Officials are trying to determine what caused many inmates to refuse prison-provided breakfasts, lunches and dinners

Wendy Culverwell
Tri-City Herald (Kennewick, Wash.)

CONNELL, Wash. — A food strike by inmates at the prison in Connell entered its sixth day Wednesday as a state official held a series of meetings with prisoner representatives.

Karen Takacs, spokeswoman for the Washington Department of Corrections, said Rob Herzog, the assistant secretary of prisons, is at the Coyote Ridge Corrections Center and held several meetings with what the prison system calls “tier representatives.”

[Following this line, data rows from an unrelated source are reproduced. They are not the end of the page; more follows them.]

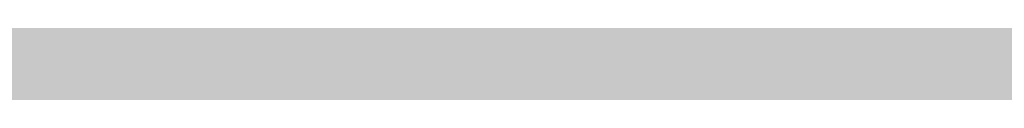
# Model space of a CAD drawing. Units: millimetres. Extents: x 0 to 2267, y 0 to 1823.
# Tile 173 of 256: x 1833.606 to 1838.83, y 1127.583 to 1127.888. Entities that reach past the tile are written whole.
import ezdxf

# ---------------------------------------------------------------- set-up
doc = ezdxf.new("R2010")
doc.units = ezdxf.units.MM
doc.header["$MEASUREMENT"] = 0
doc.layers.add('M-HATC', color=252, linetype='Continuous', lineweight=18)

msp = doc.modelspace()

# ---------------------------------------------------------------- hatches: boundary and pattern name
at = {"layer": 'M-HATC'}
h = msp.add_hatch(color=256, dxfattribs=at)
h.dxf.hatch_style = 1
h.paths.add_polyline_path([(2055.771, 1603.062), (1381.0868, 1603.062), (1381.0868, 1598.062), (2055.771, 1598.062)])
h.paths.add_polyline_path([(2055.771, 1598.062), (1381.0868, 1598.062), (1381.0868, 1593.062), (2055.771, 1593.062)])
h.paths.add_polyline_path([(2051.3074, 1536.7609), (1385.5504, 1536.7609), (1385.5504, 1526.7609), (1387.5504, 1526.7609), (1388.5366, 1525.0528), (1385.3319, 1521.2335), (1385.3319, 1521.2226), (2050.2542, 1522.7491), (2048.3212, 1525.0528), (2049.3074, 1526.7609), (2051.3074, 1526.7609)])
edge = h.paths.add_edge_path()
edge.add_arc((1847.5345, 1379.1492), 135, 222.603061, 222.890851, ccw=False)
edge.add_line((1748.1663, 1287.7656), (1683.0921, 1287.7656))
edge.add_arc((1583.7239, 1379.1492), 135, 317.109149, 317.396939, ccw=False)
edge.add_arc((1678.9686, 1290.6707), 5, 222.8909, 317.1091, ccw=False)
edge.add_arc((1774.2133, 1379.1492), 135, 222.603061, 222.890851, ccw=False)
edge.add_line((1674.8451, 1287.7656), (1609.7709, 1287.7656))
edge.add_arc((1510.4027, 1379.1492), 135, 317.109149, 317.396939, ccw=False)
edge.add_arc((1605.6474, 1290.6707), 5, 222.8909, 317.1091, ccw=False)
edge.add_arc((1700.8921, 1379.1492), 135, 222.603061, 222.890851, ccw=False)
edge.add_line((1601.5239, 1287.7656), (1536.4497, 1287.7656))
edge.add_arc((1437.0815, 1379.1492), 135, 317.109149, 317.396939, ccw=False)
edge.add_arc((1532.3262, 1290.6707), 5, 222.8909, 317.1091, ccw=False)
edge.add_arc((1627.5709, 1379.1492), 135, 222.603061, 222.890851, ccw=False)
edge.add_line((1528.2027, 1287.7656), (1505.9289, 1287.7656))
edge.add_spline(control_points=[(1505.9289, 1287.7656), (1504.2622, 1287.7656), (1504.2622, 1282.7656), (1505.9289, 1282.7656)], knot_values=[0, 0, 0, 0, 5, 5, 5, 5], degree=3, periodic=0)
edge.add_line((1505.9289, 1282.7656), (1930.9289, 1282.7656))
edge.add_spline(control_points=[(1930.9289, 1282.7656), (1932.5956, 1282.7656), (1932.5956, 1287.7656), (1930.9289, 1287.7656)], knot_values=[0, 0, 0, 0, 5, 5, 5, 5], degree=3, periodic=0)
edge.add_line((1930.9289, 1287.7656), (1903.0557, 1287.7656))
edge.add_arc((1803.6875, 1379.1492), 135, 317.109149, 317.396939, ccw=False)
edge.add_arc((1898.9322, 1290.6707), 5, 222.8909, 317.1091, ccw=False)
edge.add_arc((1994.1769, 1379.1492), 135, 222.603061, 222.890851, ccw=False)
edge.add_line((1894.8087, 1287.7656), (1829.7345, 1287.7656))
edge.add_arc((1730.3663, 1379.1492), 135, 317.109149, 317.396939, ccw=False)
edge.add_arc((1825.611, 1290.6707), 5, 222.8909, 317.1091, ccw=False)
edge.add_arc((1920.8557, 1379.1492), 135, 222.603061, 222.890851, ccw=False)
edge.add_line((1821.4875, 1287.7656), (1756.4133, 1287.7656))
edge.add_arc((1657.0451, 1379.1492), 135, 317.109149, 317.396939, ccw=False)
edge.add_arc((1752.2898, 1290.6707), 5, 222.8909, 317.1091, ccw=False)
edge = h.paths.add_edge_path()
edge.add_spline(control_points=[(1843.4289, 1227.2475), (1845.0956, 1227.2475), (1845.0956, 1232.2475), (1843.4289, 1232.2475)], knot_values=[0, 0, 0, 0, 5, 5, 5, 5], degree=3, periodic=0)
edge.add_line((1843.4289, 1232.2475), (1593.4289, 1232.2475))
edge.add_spline(control_points=[(1593.4289, 1232.2475), (1591.7622, 1232.2475), (1591.7622, 1227.2475), (1593.4289, 1227.2475)], knot_values=[0, 0, 0, 0, 5, 5, 5, 5], degree=3, periodic=0)
edge.add_line((1593.4289, 1227.2475), (1843.4289, 1227.2475))
h.paths.add_polyline_path([(1905.9289, 1127.4171), (1530.9289, 1127.4171, 0.414214), (1520.9289, 1117.4171), (1530.9289, 1117.4171), (1915.9289, 1117.4171, 0.414214)])
edge = h.paths.add_edge_path()
edge.add_arc((1397.0858, 1498.4078), 12.7299, 90.78215, 190.87871, ccw=False)
edge.add_line((1396.912, 1511.1365), (1428.0097, 1511.3488))
edge.add_line((1428.0097, 1511.3488), (1433.0097, 1511.3488))
edge.add_line((1433.0097, 1511.3488), (1434.439, 1511.3488))
edge.add_arc((1419.474, 1498.0804), 20, 41.561, 74.08211)
edge.add_line((1424.9592, 1517.3135), (1399.9351, 1517.2561))
edge.add_spline(control_points=[(1399.9307, 1517.2561), (1399.884, 1517.2131), (1399.8328, 1517.1689), (1399.7774, 1517.1236)], knot_values=[11.567499, 11.567499, 11.567499, 11.567499, 11.814249, 11.814249, 11.814249, 11.814249], degree=3, periodic=0)
edge.add_spline(control_points=[(1399.6328, 1517.0099), (1399.5831, 1516.9721), (1399.5307, 1516.9338), (1399.4759, 1516.8947)], knot_values=[11.167718, 11.167718, 11.167718, 11.167718, 11.365188, 11.365188, 11.365188, 11.365188], degree=3, periodic=0)
edge.add_spline(control_points=[(1399.3398, 1516.8001), (1399.1514, 1516.6719), (1398.9384, 1516.5377), (1398.704, 1516.3994)], knot_values=[10.376405, 10.376405, 10.376405, 10.376405, 11.00994, 11.00994, 11.00994, 11.00994], degree=3, periodic=0)
edge.add_spline(control_points=[(1398.6572, 1516.3719), (1398.5789, 1516.326), (1398.4983, 1516.2797), (1398.4155, 1516.2331)], knot_values=[10.125175, 10.125175, 10.125175, 10.125175, 10.334406, 10.334406, 10.334406, 10.334406], degree=3, periodic=0)
edge.add_spline(control_points=[(1398.2642, 1516.1487), (1398.196, 1516.1111), (1398.1263, 1516.0732), (1398.0555, 1516.0351)], knot_values=[9.832246, 9.832246, 9.832246, 9.832246, 9.999658, 9.999658, 9.999658, 9.999658], degree=3, periodic=0)
edge.add_spline(control_points=[(1397.9987, 1516.0048), (1397.7312, 1515.8621), (1397.446, 1515.7171), (1397.1466, 1515.5714)], knot_values=[9.161808, 9.161808, 9.161808, 9.161808, 9.787769, 9.787769, 9.787769, 9.787769], degree=3, periodic=0)
edge.add_spline(control_points=[(1397.1466, 1515.5714), (1396.8418, 1515.423), (1396.5222, 1515.274), (1396.1914, 1515.1262)], knot_values=[8.524455, 8.524455, 8.524455, 8.524455, 9.161808, 9.161808, 9.161808, 9.161808], degree=3, periodic=0)
edge.add_spline(control_points=[(1396.0777, 1515.0756), (1395.9854, 1515.0348), (1395.8922, 1514.994), (1395.7983, 1514.9534)], knot_values=[8.275193, 8.275193, 8.275193, 8.275193, 8.451726, 8.451726, 8.451726, 8.451726], degree=3, periodic=0)
edge.add_spline(control_points=[(1395.6018, 1514.8691), (1395.4997, 1514.8257), (1395.3968, 1514.7824), (1395.2932, 1514.7394)], knot_values=[7.962917, 7.962917, 7.962917, 7.962917, 8.152764, 8.152764, 8.152764, 8.152764], degree=3, periodic=0)
edge.add_spline(control_points=[(1395.2116, 1514.7057), (1394.8278, 1514.5475), (1394.4345, 1514.3929), (1394.0364, 1514.2442)], knot_values=[7.21254, 7.21254, 7.21254, 7.21254, 7.913148, 7.913148, 7.913148, 7.913148], degree=3, periodic=0)
edge.add_spline(control_points=[(1394.0364, 1514.2442), (1393.7076, 1514.1214), (1393.3754, 1514.0027), (1393.0427, 1513.8895)], knot_values=[6.633733, 6.633733, 6.633733, 6.633733, 7.21254, 7.21254, 7.21254, 7.21254], degree=3, periodic=0)
edge.add_spline(control_points=[(1392.8214, 1513.815), (1392.7198, 1513.7812), (1392.6181, 1513.7479), (1392.5166, 1513.7152)], knot_values=[6.328796, 6.328796, 6.328796, 6.328796, 6.505493, 6.505493, 6.505493, 6.505493], degree=3, periodic=0)
edge.add_spline(control_points=[(1392.5166, 1513.7152), (1392.3187, 1513.6515), (1392.1212, 1513.59), (1391.9244, 1513.531)], knot_values=[5.984605, 5.984605, 5.984605, 5.984605, 6.328796, 6.328796, 6.328796, 6.328796], degree=3, periodic=0)
edge.add_spline(control_points=[(1391.7915, 1513.4915), (1391.3122, 1513.3501), (1390.8384, 1513.2239), (1390.3784, 1513.1171)], knot_values=[5.066697, 5.066697, 5.066697, 5.066697, 5.907055, 5.907055, 5.907055, 5.907055], degree=3, periodic=0)
edge.add_spline(control_points=[(1390.3784, 1513.1171), (1390.1797, 1513.071), (1389.9836, 1513.0284), (1389.7907, 1512.9899)], knot_values=[4.70367, 4.70367, 4.70367, 4.70367, 5.066695, 5.066695, 5.066695, 5.066695], degree=3, periodic=0)
edge.add_spline(control_points=[(1389.422, 1512.9204), (1389.2459, 1512.8892), (1389.0729, 1512.8617), (1388.9036, 1512.8381)], knot_values=[4.130571, 4.130571, 4.130571, 4.130571, 4.469816, 4.469816, 4.469816, 4.469816], degree=3, periodic=0)
edge.add_spline(control_points=[(1388.9036, 1512.8381), (1388.591, 1512.7946), (1388.2911, 1512.7644), (1388.0071, 1512.7494)], knot_values=[3.504031, 3.504031, 3.504031, 3.504031, 4.130571, 4.130571, 4.130571, 4.130571], degree=3, periodic=0)
edge.add_spline(control_points=[(1387.9356, 1512.7459), (1387.8538, 1512.7423), (1387.7733, 1512.74), (1387.6944, 1512.739)], knot_values=[3.268866, 3.268866, 3.268866, 3.268866, 3.451164, 3.451164, 3.451164, 3.451164], degree=3, periodic=0)
edge.add_spline(control_points=[(1387.3351, 1512.7443), (1387.2076, 1512.7499), (1387.0847, 1512.7597), (1386.967, 1512.7739)], knot_values=[2.670686, 2.670686, 2.670686, 2.670686, 2.984, 2.984, 2.984, 2.984], degree=3, periodic=0)
edge.add_spline(control_points=[(1386.8327, 1512.7922), (1386.8209, 1512.7941), (1386.8092, 1512.7959), (1386.7975, 1512.7979)], knot_values=[2.516981, 2.516981, 2.516981, 2.516981, 2.549528, 2.549528, 2.549528, 2.549528], degree=3, periodic=0)
edge.add_spline(control_points=[(1386.4526, 1512.8735), (1386.4257, 1512.881), (1386.3993, 1512.889), (1386.3733, 1512.8972)], knot_values=[2.095869, 2.095869, 2.095869, 2.095869, 2.17941, 2.17941, 2.17941, 2.17941], degree=3, periodic=0)
edge.add_spline(control_points=[(1386.0691, 1513.0189), (1386.0634, 1513.0217), (1386.0577, 1513.0246), (1386.052, 1513.0275)], knot_values=[1.72453, 1.72453, 1.72453, 1.72453, 1.745933, 1.745933, 1.745933, 1.745933], degree=3, periodic=0)
edge.add_arc((1399.474, 1498.0804), 20, 131.82432, 180)
edge.add_arc((1630.3336, 1505.5484), 250.9708, 181.705176, 236.427975)
edge.add_arc((1605.3399, 1483.3044), 218.7822, 238.660829, 243.34961)
edge.add_arc((1647.0911, 1510.3592), 262.8986, 183.129836, 237.853442, ccw=False)
h.paths.add_polyline_path([(1406.5369, 1391.9644, 0.149382), (1491.5506, 1296.4418, -0.129517)], flags=17)
edge = h.paths.add_edge_path()
edge.add_arc((2037.3838, 1498.0804), 20, 0, 48.26587)
edge.add_spline(control_points=[(2050.6973, 1513.0052), (2050.6512, 1512.9847), (2050.6034, 1512.9655), (2050.5539, 1512.9477)], knot_values=[1.835652, 1.835652, 1.835652, 1.835652, 2.000781, 2.000781, 2.000781, 2.000781], degree=3, periodic=0)
edge.add_spline(control_points=[(2050.4616, 1512.9166), (2050.479, 1512.9221), (2050.4963, 1512.9277), (2050.5133, 1512.9335)], knot_values=[2.045477, 2.045477, 2.045477, 2.045477, 2.101389, 2.101389, 2.101389, 2.101389], degree=3, periodic=0)
edge.add_spline(control_points=[(2050.129, 1512.8342), (2050.1984, 1512.8473), (2050.2657, 1512.8623), (2050.3308, 1512.8792)], knot_values=[2.237629, 2.237629, 2.237629, 2.237629, 2.435841, 2.435841, 2.435841, 2.435841], degree=3, periodic=0)
edge.add_spline(control_points=[(2050.0946, 1512.8278), (2050.1061, 1512.8299), (2050.1176, 1512.832), (2050.129, 1512.8342)], knot_values=[2.435841, 2.435841, 2.435841, 2.435841, 2.468321, 2.468321, 2.468321, 2.468321], degree=3, periodic=0)
edge.add_spline(control_points=[(2049.7843, 1512.7851), (2049.8552, 1512.7922), (2049.9243, 1512.8008), (2049.9917, 1512.8109)], knot_values=[2.563852, 2.563852, 2.563852, 2.563852, 2.748541, 2.748541, 2.748541, 2.748541], degree=3, periodic=0)
edge.add_spline(control_points=[(2049.4052, 1512.7617), (2049.5364, 1512.7653), (2049.6629, 1512.773), (2049.7843, 1512.7851)], knot_values=[2.748541, 2.748541, 2.748541, 2.748541, 3.064882, 3.064882, 3.064882, 3.064882], degree=3, periodic=0)
edge.add_spline(control_points=[(2049.1698, 1512.7597), (2049.2336, 1512.7591), (2049.2965, 1512.7594), (2049.3584, 1512.7606)], knot_values=[3.102309, 3.102309, 3.102309, 3.102309, 3.2503, 3.2503, 3.2503, 3.2503], degree=3, periodic=0)
edge.add_spline(control_points=[(2048.8573, 1512.7691), (2048.9638, 1512.7638), (2049.068, 1512.7606), (2049.1698, 1512.7597)], knot_values=[3.2503, 3.2503, 3.2503, 3.2503, 3.486069, 3.486069, 3.486069, 3.486069], degree=3, periodic=0)
edge.add_spline(control_points=[(2048.6924, 1512.7789), (2048.3729, 1512.8009), (2048.0345, 1512.8411), (2047.6817, 1512.897)], knot_values=[3.606429, 3.606429, 3.606429, 3.606429, 4.2989, 4.2989, 4.2989, 4.2989], degree=3, periodic=0)
edge.add_spline(control_points=[(2047.6817, 1512.897), (2047.5458, 1512.9185), (2047.4077, 1512.9424), (2047.2678, 1512.9685)], knot_values=[4.2989, 4.2989, 4.2989, 4.2989, 4.565769, 4.565769, 4.565769, 4.565769], degree=3, periodic=0)
edge.add_spline(control_points=[(2047.2678, 1512.9685), (2047.1449, 1512.9914), (2047.0207, 1513.016), (2046.8951, 1513.0422)], knot_values=[4.565769, 4.565769, 4.565769, 4.565769, 4.799971, 4.799971, 4.799971, 4.799971], degree=3, periodic=0)
edge.add_spline(control_points=[(2046.8951, 1513.0422), (2046.5286, 1513.1188), (2046.1513, 1513.209), (2045.7676, 1513.3107)], knot_values=[4.799971, 4.799971, 4.799971, 4.799971, 5.483718, 5.483718, 5.483718, 5.483718], degree=3, periodic=0)
edge.add_spline(control_points=[(2045.7676, 1513.3107), (2045.3724, 1513.4154), (2044.9704, 1513.5322), (2044.5662, 1513.6588)], knot_values=[5.483718, 5.483718, 5.483718, 5.483718, 6.187866, 6.187866, 6.187866, 6.187866], degree=3, periodic=0)
edge.add_spline(control_points=[(2044.5662, 1513.6588), (2044.4149, 1513.7061), (2044.2633, 1513.7549), (2044.1116, 1513.8048)], knot_values=[6.187866, 6.187866, 6.187866, 6.187866, 6.451551, 6.451551, 6.451551, 6.451551], degree=3, periodic=0)
edge.add_spline(control_points=[(2044.1116, 1513.8048), (2043.9967, 1513.8427), (2043.8817, 1513.8813), (2043.7668, 1513.9205)], knot_values=[6.451551, 6.451551, 6.451551, 6.451551, 6.651434, 6.651434, 6.651434, 6.651434], degree=3, periodic=0)
edge.add_spline(control_points=[(2043.7668, 1513.9205), (2043.3716, 1514.0554), (2042.9774, 1514.1979), (2042.5886, 1514.3458)], knot_values=[6.651434, 6.651434, 6.651434, 6.651434, 7.338879, 7.338879, 7.338879, 7.338879], degree=3, periodic=0)
edge.add_spline(control_points=[(2042.5886, 1514.3458), (2042.1643, 1514.5071), (2041.7465, 1514.6749), (2041.3409, 1514.846)], knot_values=[7.338879, 7.338879, 7.338879, 7.338879, 8.089209, 8.089209, 8.089209, 8.089209], degree=3, periodic=0)
edge.add_spline(control_points=[(2041.3409, 1514.846), (2041.1028, 1514.9465), (2040.869, 1515.0481), (2040.6405, 1515.1502)], knot_values=[8.089209, 8.089209, 8.089209, 8.089209, 8.529587, 8.529587, 8.529587, 8.529587], degree=3, periodic=0)
edge.add_spline(control_points=[(2040.51, 1515.2089), (2040.0824, 1515.4022), (2039.6747, 1515.5971), (2039.295, 1515.7894)], knot_values=[8.613818, 8.613818, 8.613818, 8.613818, 9.44571, 9.44571, 9.44571, 9.44571], degree=3, periodic=0)
edge.add_spline(control_points=[(2039.295, 1515.7894), (2039.0618, 1515.9075), (2038.8391, 1516.0246), (2038.6288, 1516.1398)], knot_values=[9.44571, 9.44571, 9.44571, 9.44571, 9.956404, 9.956404, 9.956404, 9.956404], degree=3, periodic=0)
edge.add_spline(control_points=[(2038.6288, 1516.1398), (2038.5187, 1516.2001), (2038.4121, 1516.2598), (2038.309, 1516.3189)], knot_values=[9.956404, 9.956404, 9.956404, 9.956404, 10.223542, 10.223542, 10.223542, 10.223542], degree=3, periodic=0)
edge.add_spline(control_points=[(2038.309, 1516.3189), (2038.2138, 1516.3735), (2038.1216, 1516.4276), (2038.0328, 1516.481)], knot_values=[10.223542, 10.223542, 10.223542, 10.223542, 10.47051, 10.47051, 10.47051, 10.47051], degree=3, periodic=0)
edge.add_spline(control_points=[(2038.0328, 1516.481), (2037.7855, 1516.6296), (2037.5639, 1516.773), (2037.3722, 1516.909)], knot_values=[10.47051, 10.47051, 10.47051, 10.47051, 11.15767, 11.15767, 11.15767, 11.15767], degree=3, periodic=0)
edge.add_spline(control_points=[(2037.3722, 1516.909), (2037.2789, 1516.9752), (2037.1927, 1517.0396), (2037.1142, 1517.102)], knot_values=[11.15767, 11.15767, 11.15767, 11.15767, 11.49227, 11.49227, 11.49227, 11.49227], degree=3, periodic=0)
edge.add_spline(control_points=[(2036.8564, 1517.3259), (2036.9148, 1517.2692), (2036.9814, 1517.2103), (2037.0557, 1517.1492)], knot_values=[11.577341, 11.577341, 11.577341, 11.577341, 11.91035, 11.91035, 11.91035, 11.91035], degree=3, periodic=0)
edge.add_spline(control_points=[(2036.8074, 1517.3748), (2036.823, 1517.3587), (2036.8393, 1517.3424), (2036.8564, 1517.3259)], knot_values=[11.91035, 11.91035, 11.91035, 11.91035, 12.007402, 12.007402, 12.007402, 12.007402], degree=3, periodic=0)
edge.add_spline(control_points=[(2036.7017, 1517.494), (2036.7104, 1517.483), (2036.7196, 1517.4719), (2036.7291, 1517.4606)], knot_values=[12.184155, 12.184155, 12.184155, 12.184155, 12.255409, 12.255409, 12.255409, 12.255409], degree=3, periodic=0)
edge.add_spline(control_points=[(2036.6159, 1517.6205), (2036.62, 1517.613), (2036.6243, 1517.6055), (2036.6289, 1517.5979)], knot_values=[12.487913, 12.487913, 12.487913, 12.487913, 12.541035, 12.541035, 12.541035, 12.541035], degree=3, periodic=0)
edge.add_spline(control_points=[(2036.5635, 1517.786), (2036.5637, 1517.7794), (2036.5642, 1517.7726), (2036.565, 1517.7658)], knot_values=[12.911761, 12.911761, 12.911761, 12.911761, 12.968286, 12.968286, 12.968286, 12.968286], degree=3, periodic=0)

Those are inmates chosen to represent each housing unit in discussions with prison managers.

Takacs said Herzog is trying to determine what caused many of the Coyote Ridge inmates to refuse prison-provided breakfasts, lunches and dinners starting Friday.

The participants have been eating food they bought at the commissary, while the state meals that aren’t eaten are being composted.

1,600 refuse prison food

At Coyote Ridge, the number of people refusing to eat the prison-supplied meals fluctuates daily, but of the 2,065 prisoners, 1,671 refused meals Tuesday.

Gail Eddy, a Tacoma-area resident whose boyfriend is serving a three-year sentence for drug-related crimes, told the Tri-City Herald earlier this week that prisoners are protesting the prepackaged meals, as well being housed with sex offenders and irregular access to yard time.

Eddy said Wednesday her boyfriend reports inmates are encouraged by the prison’s response to their concerns.

She said prisoners have been told they will have the option to move to different cells to avoid being housed with a sex offender or anyone considered a threat.

“Changes are being made slowly,” she told the Herald.

Cold ‘breakfasts boats’

Breakfasts are a key sticking point, she said.

Starting in 2014, the prison began distributing “breakfast boats” at dinner time for prisoners to eat in the morning. The meal includes a muffin, breakfast bar, peanut butter and jelly sandwich and a packet of oatmeal or cereal and packet of dried milk.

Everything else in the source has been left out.